CATCHING MY BREATH AFTER INTENSE IMMERSION

So much has happened since I last wrote.  That is a reflection of packed weeks, but also an acknowledgement that I have not managed to post here for almost three weeks.  How disgraceful!  I do have excuses of course, the largest one being that I've been immersed, immersed in our immersethrough project.

Last week for eight days we had the huge pleasure of engaging with a group of eleven who had travelled here to Chiang Mai for our first immersethrough experience.  (For more on the idea and on the general outlines of it all, please go to immersethrough.com and the Chiang Mai page.)  Now they've all gone and we have had a few days to breathe...  And we've also started taking stock.

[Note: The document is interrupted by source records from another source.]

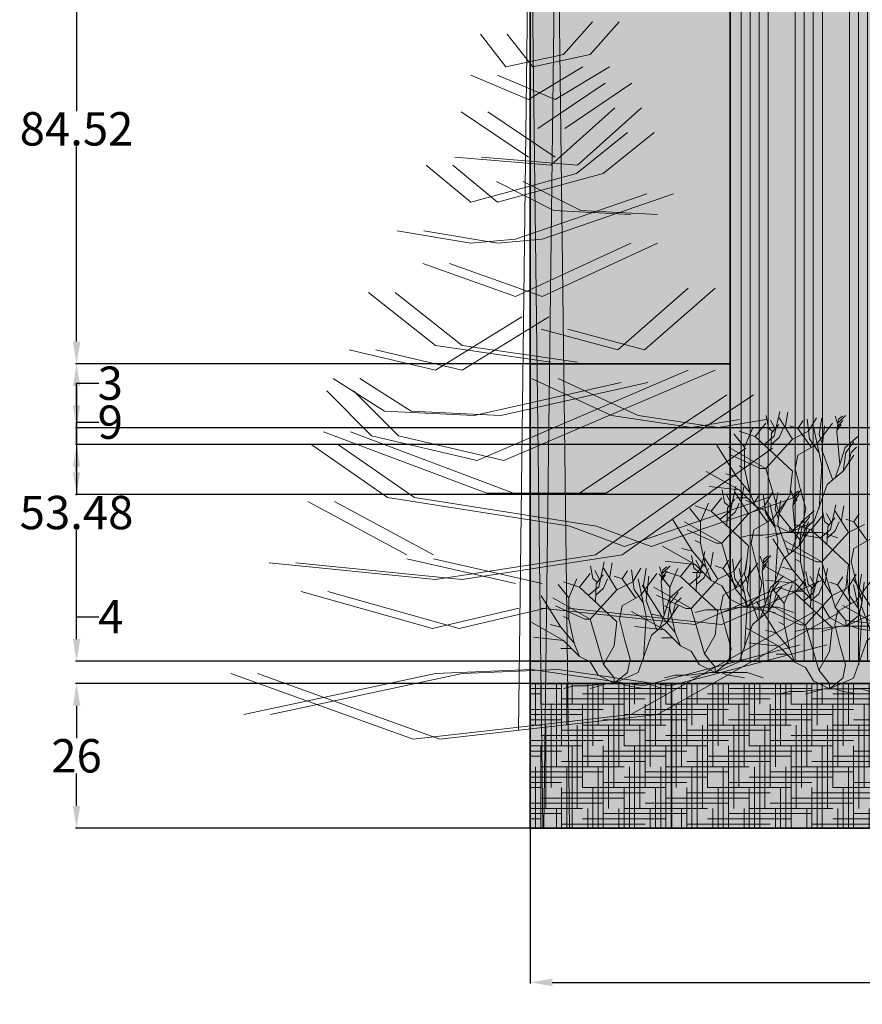
# Model space of a CAD drawing. Units: inches. Extents: x 221 to 874, y 171 to 738.
# Tile 1 of 11: x 221 to 373, y 171 to 348. Entities that reach past the tile are written whole.
import ezdxf

# ---------------------------------------------------------------- set-up
doc = ezdxf.new("R2010")
doc.units = ezdxf.units.IN
doc.header["$MEASUREMENT"] = 0
for name, color, linetype, lineweight in [('A-ANNO-DIMS', 2, 'Continuous', 18), ('A-ELEV', 7, 'Continuous', 35), ('A-ELEV-PATT', 8, 'Continuous', 13), ('L-PLNT', 3, 'Continuous', 13)]:
    doc.layers.add(name, color=color, linetype=linetype, lineweight=lineweight)
doc.styles.get("Standard").update_dxf_attribs({"font": 'arial.ttf'})
doc.dimstyles.get("Standard").update_dxf_attribs({"dimtxt": 6, "dimasz": 4, "dimexe": 0.18, "dimexo": 0.0625, "dimgap": 0.09, "dimtad": 0, "dimtih": 1, "dimtoh": 1, "dimdec": 0, "dimzin": 0, "dimdsep": 46, "dimlunit": 3, "dimtxsty": 'Standard', "dimcen": 0.09, "dimadec": 0, "dimazin": 0, "dimtfac": 1, "dimtdec": 0, "dimtofl": 0, "dimtmove": 0, "dimatfit": 3, "dimfxl": 1, "dimtolj": 1, "dimtzin": 0, "dimarcsym": 0})

# ---------------------------------------------------------------- blocks, each defined once
blk = doc.blocks.new('SHRUB-A')
for p, q in [((15.5, 17.76), (13.1, 21.6)), ((18.38, 19.2), (19.82, 21.6)), ((6.86, 16.32), (8.3, 19.68)), ((8.78, 18.24), (10.7, 20.64)), ((19.82, 16.8), (22.7, 20.64)), ((6.86, 16.32), (4.94, 18.72)), ((8.78, 18.24), (5.9, 19.2)), ((15.5, 12), (8.78, 18.24)), ((10.7, 12.48), (15.5, 17.76)), ((15.5, 17.76), (18.38, 19.2)), ((5.42, 11.04), (1.91, 16.66)), ((10.7, 12.48), (3.98, 16.32)), ((6.86, 12.48), (6.86, 16.32)), ((16.46, 14.88), (19.82, 16.8)), ((25.1, 15.36), (26.54, 17.28)), ((9.74, 12.48), (4.46, 14.88)), ((15.98, 12.48), (16.46, 14.88)), ((24.62, 12), (25.1, 15.36)), ((24.62, 12), (26.54, 14.88)), ((6.86, 12.48), (5.9, 12.96)), ((7.82, 8.16), (6.86, 12.48)), ((10.7, 12.48), (9.74, 12.48)), ((13.1, 4.32), (10.7, 12.48)), ((16.94, 8.64), (15.98, 12.48)), ((5.9, 8.64), (0, 11.96)), ((5.42, 11.04), (3.5, 11.52)), ((7.82, 8.16), (5.42, 11.04)), ((15.02, 7.68), (15.5, 12)), ((21.74, 9.6), (24.62, 12)), ((5.9, 8.64), (0.53, 9.22)), ((19.34, 2.88), (21.74, 9.6)), ((8.78, 5.76), (5.9, 8.64)), ((8.78, 5.76), (7.82, 8.16)), ((13.1, 4.32), (15.02, 7.68)), ((17.9, 5.28), (16.94, 8.64)), ((10.7, 4.8), (8.78, 5.76)), ((12.14, 2.4), (10.7, 4.8)), ((15.02, 1.92), (13.1, 4.32)), ((17.42, 2.88), (17.9, 5.28)), ((15.02, 0.96), (12.14, 2.4)), ((15.02, 0.96), (19.34, 2.88)), ((15.02, 0.96), (17.42, 2.88)), ((15.02, 0.96), (15.02, 1.92)), ((15.02, 0.96), (20.78, 0.96)), ((20.78, 0.96), (23.66, 0))]:
    blk.add_line(p, q)
blk = doc.blocks.new('GRASS-TUFT')
for p, q in [((0.58, 10.54), (1.31, 11.09)), ((0.28, 8.35), (0.58, 10.54)), ((0.83, 2.4), (0.28, 8.35)), ((1.8, 5.45), (4.12, 7.49)), ((0.83, 2.4), (1.8, 5.45)), ((0, 0), (0.83, 2.4))]:
    blk.add_line(p, q)
blk = doc.blocks.new('GRASS-SPRIG')
for p, q in [((1.44, 3.36), (0, 3.84)), ((1.44, 3.36), (2.4, 4.8)), ((3.84, 0), (1.44, 3.36))]:
    blk.add_line(p, q)
blk = doc.blocks.new('*D20')
at = {"layer": 'A-ANNO-DIMS', "color": 0, "lineweight": -2, "transparency": 16777216}
for p, q in [((313.08, 202.65), (313.08, 174.79)), ((805.08, 202.65), (805.08, 174.79)), ((317.08, 174.97), (552.27, 174.97)), ((801.08, 174.97), (565.89, 174.97))]:
    blk.add_line(p, q, dxfattribs=at)
at = {"layer": 'A-ANNO-DIMS', "color": 0, "transparency": 16777216}
for points in [[(317.08, 175.63), (317.08, 174.3), (313.08, 174.97)], [(801.08, 175.63), (801.08, 174.3), (805.08, 174.97)]]:
    blk.add_solid(points, dxfattribs=at)
at = {"layer": 'Defpoints', "color": 0, "transparency": 16777216}
for p in [(313.08, 202.72), (805.08, 202.72), (805.08, 174.97)]:
    blk.add_point(p, dxfattribs=at)
at = {"layer": 'A-ANNO-DIMS', "color": 0, "transparency": 16777216, "insert": (559.08, 174.97), "char_height": 6, "attachment_point": 5}
blk.add_mtext('\\A1;492', dxfattribs=at)
blk = doc.blocks.new('*D29')
at = {"layer": 'A-ANNO-DIMS', "color": 0, "lineweight": -2, "transparency": 16777216}
for p, q in [((313.02, 228.72), (231.36, 228.72)), ((231.54, 224.72), (231.54, 218.87)), ((231.54, 206.72), (231.54, 212.56)), ((313.02, 202.72), (231.36, 202.72))]:
    blk.add_line(p, q, dxfattribs=at)
at = {"layer": 'A-ANNO-DIMS', "color": 0, "transparency": 16777216}
for points in [[(230.88, 224.72), (232.21, 224.72), (231.54, 228.72)], [(230.88, 206.72), (232.21, 206.72), (231.54, 202.72)]]:
    blk.add_solid(points, dxfattribs=at)
at = {"layer": 'Defpoints', "color": 0, "transparency": 16777216}
for p in [(231.54, 228.72), (313.08, 228.72), (313.08, 202.72)]:
    blk.add_point(p, dxfattribs=at)
at = {"layer": 'A-ANNO-DIMS', "color": 0, "transparency": 16777216, "insert": (231.54, 215.72), "char_height": 6, "attachment_point": 5}
blk.add_mtext('\\A1;26', dxfattribs=at)
blk = doc.blocks.new('*D30')
at = {"layer": 'A-ANNO-DIMS', "color": 0, "lineweight": -2, "transparency": 16777216}
for p, q in [((231.54, 236.72), (231.54, 240.72)), ((231.54, 240.72), (235.54, 240.72)), ((313.02, 232.72), (231.36, 232.72)), ((313.02, 228.72), (231.36, 228.72)), ((231.54, 224.72), (231.54, 220.72))]:
    blk.add_line(p, q, dxfattribs=at)
at = {"layer": 'A-ANNO-DIMS', "color": 0, "transparency": 16777216}
for points in [[(230.88, 236.72), (232.21, 236.72), (231.54, 232.72)], [(230.88, 224.72), (232.21, 224.72), (231.54, 228.72)]]:
    blk.add_solid(points, dxfattribs=at)
at = {"layer": 'Defpoints', "color": 0, "transparency": 16777216}
for p in [(231.54, 232.72), (313.08, 232.72), (313.08, 228.72)]:
    blk.add_point(p, dxfattribs=at)
at = {"layer": 'A-ANNO-DIMS', "color": 0, "transparency": 16777216, "insert": (237.71, 240.72), "char_height": 6, "attachment_point": 5}
blk.add_mtext('\\A1;4', dxfattribs=at)
blk = doc.blocks.new('*D31')
at = {"layer": 'A-ANNO-DIMS', "color": 0, "lineweight": -2, "transparency": 16777216}
for p, q in [((313.02, 286.2), (231.36, 286.2)), ((231.54, 282.2), (231.54, 262.61)), ((231.54, 236.72), (231.54, 256.3)), ((313.02, 232.72), (231.36, 232.72))]:
    blk.add_line(p, q, dxfattribs=at)
at = {"layer": 'A-ANNO-DIMS', "color": 0, "transparency": 16777216}
for points in [[(230.88, 282.2), (232.21, 282.2), (231.54, 286.2)], [(230.88, 236.72), (232.21, 236.72), (231.54, 232.72)]]:
    blk.add_solid(points, dxfattribs=at)
at = {"layer": 'Defpoints', "color": 0, "transparency": 16777216}
for p in [(231.54, 286.2), (313.08, 286.2), (313.08, 232.72)]:
    blk.add_point(p, dxfattribs=at)
at = {"layer": 'A-ANNO-DIMS', "color": 0, "transparency": 16777216, "insert": (231.54, 259.46), "char_height": 6, "attachment_point": 5}
blk.add_mtext('\\A1;53.48', dxfattribs=at)
blk = doc.blocks.new('*D32')
at = {"layer": 'A-ANNO-DIMS', "color": 0, "lineweight": -2, "transparency": 16777216}
for p, q in [((313.02, 370.72), (231.36, 370.72)), ((231.54, 366.72), (231.54, 331.61)), ((231.54, 290.2), (231.54, 325.3)), ((313.02, 286.2), (231.36, 286.2))]:
    blk.add_line(p, q, dxfattribs=at)
at = {"layer": 'A-ANNO-DIMS', "color": 0, "transparency": 16777216}
for points in [[(230.88, 366.72), (232.21, 366.72), (231.54, 370.72)], [(230.88, 290.2), (232.21, 290.2), (231.54, 286.2)]]:
    blk.add_solid(points, dxfattribs=at)
at = {"layer": 'Defpoints', "color": 0, "transparency": 16777216}
for p in [(231.54, 370.72), (313.08, 370.72), (313.08, 286.2)]:
    blk.add_point(p, dxfattribs=at)
at = {"layer": 'A-ANNO-DIMS', "color": 0, "transparency": 16777216, "insert": (231.54, 328.46), "char_height": 6, "attachment_point": 5}
blk.add_mtext('\\A1;84.52', dxfattribs=at)
blk = doc.blocks.new('*D67')
at = {"layer": 'A-ANNO-DIMS', "color": 0, "lineweight": -2, "transparency": 16777216}
for p, q in [((231.54, 271.72), (231.54, 275.72)), ((231.54, 275.72), (235.54, 275.72)), ((541.02, 271.72), (231.36, 271.72)), ((231.54, 266.72), (231.54, 267.72)), ((541.02, 262.72), (231.36, 262.72))]:
    blk.add_line(p, q, dxfattribs=at)
at = {"layer": 'A-ANNO-DIMS', "color": 0, "transparency": 16777216}
for points in [[(230.88, 267.72), (232.21, 267.72), (231.54, 271.72)], [(230.88, 266.72), (232.21, 266.72), (231.54, 262.72)]]:
    blk.add_solid(points, dxfattribs=at)
at = {"layer": 'Defpoints', "color": 0, "transparency": 16777216}
for p in [(231.54, 271.72), (541.08, 271.72), (541.08, 262.72)]:
    blk.add_point(p, dxfattribs=at)
at = {"layer": 'A-ANNO-DIMS', "color": 0, "transparency": 16777216, "insert": (237.61, 275.72), "char_height": 6, "attachment_point": 5}
blk.add_mtext('\\A1;9', dxfattribs=at)
blk = doc.blocks.new('*D68')
at = {"layer": 'A-ANNO-DIMS', "color": 0, "lineweight": -2, "transparency": 16777216}
for p, q in [((231.54, 278.72), (231.54, 282.72)), ((231.54, 282.72), (235.54, 282.72)), ((541.02, 274.72), (231.36, 274.72)), ((541.02, 271.72), (231.36, 271.72)), ((231.54, 267.72), (231.54, 263.72))]:
    blk.add_line(p, q, dxfattribs=at)
at = {"layer": 'A-ANNO-DIMS', "color": 0, "transparency": 16777216}
for points in [[(230.88, 278.72), (232.21, 278.72), (231.54, 274.72)], [(230.88, 267.72), (232.21, 267.72), (231.54, 271.72)]]:
    blk.add_solid(points, dxfattribs=at)
at = {"layer": 'Defpoints', "color": 0, "transparency": 16777216}
for p in [(231.54, 274.72), (541.08, 274.72), (541.08, 271.72)]:
    blk.add_point(p, dxfattribs=at)
at = {"layer": 'A-ANNO-DIMS', "color": 0, "transparency": 16777216, "insert": (237.6, 282.72), "char_height": 6, "attachment_point": 5}
blk.add_mtext('\\A1;3', dxfattribs=at)

msp = doc.modelspace()

# ---------------------------------------------------------------- hatches: boundary and pattern name
at = {"layer": 'A-ELEV-PATT'}
h = msp.add_hatch(color=256, dxfattribs=at)
h.dxf.hatch_style = 1
h.paths.add_polyline_path([(349.0786, 286.1996), (313.0786, 286.1996), (313.0786, 232.7164), (349.0786, 232.7164)])
h.paths.add_polyline_path([(464.0786, 286.1996), (406.0786, 286.1996), (406.0786, 232.7164), (464.0786, 232.7164)])
h.paths.add_polyline_path([(541.0786, 286.1996), (493.0786, 286.1996), (493.0786, 232.7164), (541.0786, 232.7164)])
h.paths.add_polyline_path([(541.0786, 370.7164), (493.0786, 370.7164), (493.0786, 286.1996), (541.0786, 286.1996)])
h.paths.add_polyline_path([(464.0786, 370.7164), (406.0786, 370.7164), (406.0786, 286.1996), (464.0786, 286.1996)])
h.paths.add_polyline_path([(349.0786, 370.7164), (313.0786, 370.7164), (313.0786, 286.1996), (349.0786, 286.1996)])
h.paths.add_polyline_path([(349.0786, 454.7164), (313.0786, 454.7164), (313.0786, 370.7164), (349.0786, 370.7164)])
h.paths.add_polyline_path([(464.0786, 454.7164), (406.0786, 454.7164), (406.0786, 370.7164), (464.0786, 370.7164)])
h.paths.add_polyline_path([(541.0786, 418.7164), (541.0786, 454.7164), (493.0786, 454.7164), (493.0786, 370.7164), (541.0786, 370.7164)])
h.paths.add_polyline_path([(541.0786, 550.7164), (493.0786, 550.7164), (493.0786, 454.7164), (541.0786, 454.7164)])
h.paths.add_polyline_path([(464.0786, 550.7164), (406.0786, 550.7164), (406.0786, 454.7164), (464.0786, 454.7164)])
h.paths.add_polyline_path([(349.0786, 550.7164), (313.0786, 550.7164), (313.0786, 454.7164), (349.0786, 454.7164)])
h.paths.add_polyline_path([(349.0786, 586.7164), (313.0786, 586.7164), (313.0786, 550.7164), (349.0786, 550.7164)])
h.paths.add_polyline_path([(464.0786, 586.7164), (406.0786, 586.7164), (406.0786, 550.7164), (464.0786, 550.7164)])
h.paths.add_polyline_path([(541.0786, 574.7164), (541.0786, 586.7164), (493.0786, 586.7164), (493.0786, 550.7164), (541.0786, 550.7164)])
h.paths.add_polyline_path([(541.0786, 670.7164), (493.0786, 670.7164), (493.0786, 586.7164), (541.0786, 586.7164)])
h.paths.add_polyline_path([(464.0786, 670.7164), (406.0786, 670.7164), (406.0786, 586.7164), (464.0786, 586.7164)])
h.paths.add_polyline_path([(349.0786, 670.7164), (313.0786, 670.7164), (313.0786, 586.7164), (349.0786, 586.7164)])
h.paths.add_polyline_path([(406.0786, 706.7164), (313.0786, 706.7164), (313.0786, 670.7164), (349.0786, 670.7164), (406.0786, 670.7164)])
h.paths.add_polyline_path([(464.0786, 706.7164), (406.0786, 706.7164), (406.0786, 670.7164), (464.0786, 670.7164)])
h.paths.add_polyline_path([(541.0786, 706.7164), (493.0786, 706.7164), (493.0786, 688.7164), (493.0786, 670.7164), (541.0786, 670.7164)])
h.paths.add_polyline_path([(660.0786, 610.7164), (541.0786, 610.7164), (541.0786, 586.7164), (541.0786, 574.7164), (660.0786, 574.7164)])
h.paths.add_polyline_path([(781.0786, 610.7164), (660.0786, 610.7164), (660.0786, 574.7164), (769.0786, 574.7164), (781.0786, 574.7164)])
h.paths.add_polyline_path([(781.0786, 574.7164), (769.0786, 574.7164), (769.0786, 476.1199), (781.0786, 476.1199)])
h.paths.add_polyline_path([(781.0786, 476.1199), (769.0786, 476.1199), (769.0786, 457.7164), (781.0786, 457.7164)])
h.paths.add_polyline_path([(781.0786, 377.1023), (705.9097, 377.1023), (705.9097, 286.1996), (781.0786, 286.1996)])
h.paths.add_polyline_path([(741.9618, 338.8486), (756.9618, 338.8486), (756.9618, 329.8486), (741.9618, 329.8486)], flags=16)
h.paths.add_polyline_path([(648.9097, 377.1023), (598.0786, 377.1023), (598.0786, 286.1996), (648.9097, 286.1996)])
h.paths.add_polyline_path([(781.0786, 286.1996), (705.9097, 286.1996), (705.9097, 280.7164), (648.9097, 280.7164), (648.9097, 286.1996), (598.0786, 286.1996), (598.0786, 280.7164), (550.0786, 280.7164), (550.0786, 286.1996), (541.0786, 286.1996), (541.0786, 274.7164), (781.0786, 274.7164)])
h.paths.add_polyline_path([(660.0786, 562.7164), (546.3477, 562.7164), (546.3477, 457.7164), (660.0786, 457.7164)])
h = msp.add_hatch(color=256, dxfattribs=at)
h.paths.add_polyline_path([(406.0786, 670.7164), (349.0786, 670.7164), (349.0786, 454.7164), (406.0786, 454.7164)])
h.paths.add_polyline_path([(406.0786, 454.7164), (349.0786, 454.7164), (349.0786, 232.7164), (406.0786, 232.7164)])
h = msp.add_hatch(dxfattribs=at)
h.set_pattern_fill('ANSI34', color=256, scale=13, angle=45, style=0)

I was just so delighted as the week was happening to realise how much everyone was enjoying the process, and gaining confidence and learning.  And as the week went on, we could feel the participants gaining confidence and knowledge, not just about food, but about all sorts of aspects of Thai culture.  The mirror to that was the confidence that Ying and Jam and Fern's mother, whom we all called Koon Mae, found as they worked with the group, showing them everything from how to hold a knife, to how to manage a charcoal stove (we cooked on traditional charcoal stoves, nothing else), to how to pound a spice paste most effectively in a mortar.

I'm hoping to post again before I leave for Burma on Saturday.  I just didn't want any more days to go by without saying thank-you to everyone who came, and to let you all know what a pleasure we found you and how grateful we are for your curiosity and enthusiasm.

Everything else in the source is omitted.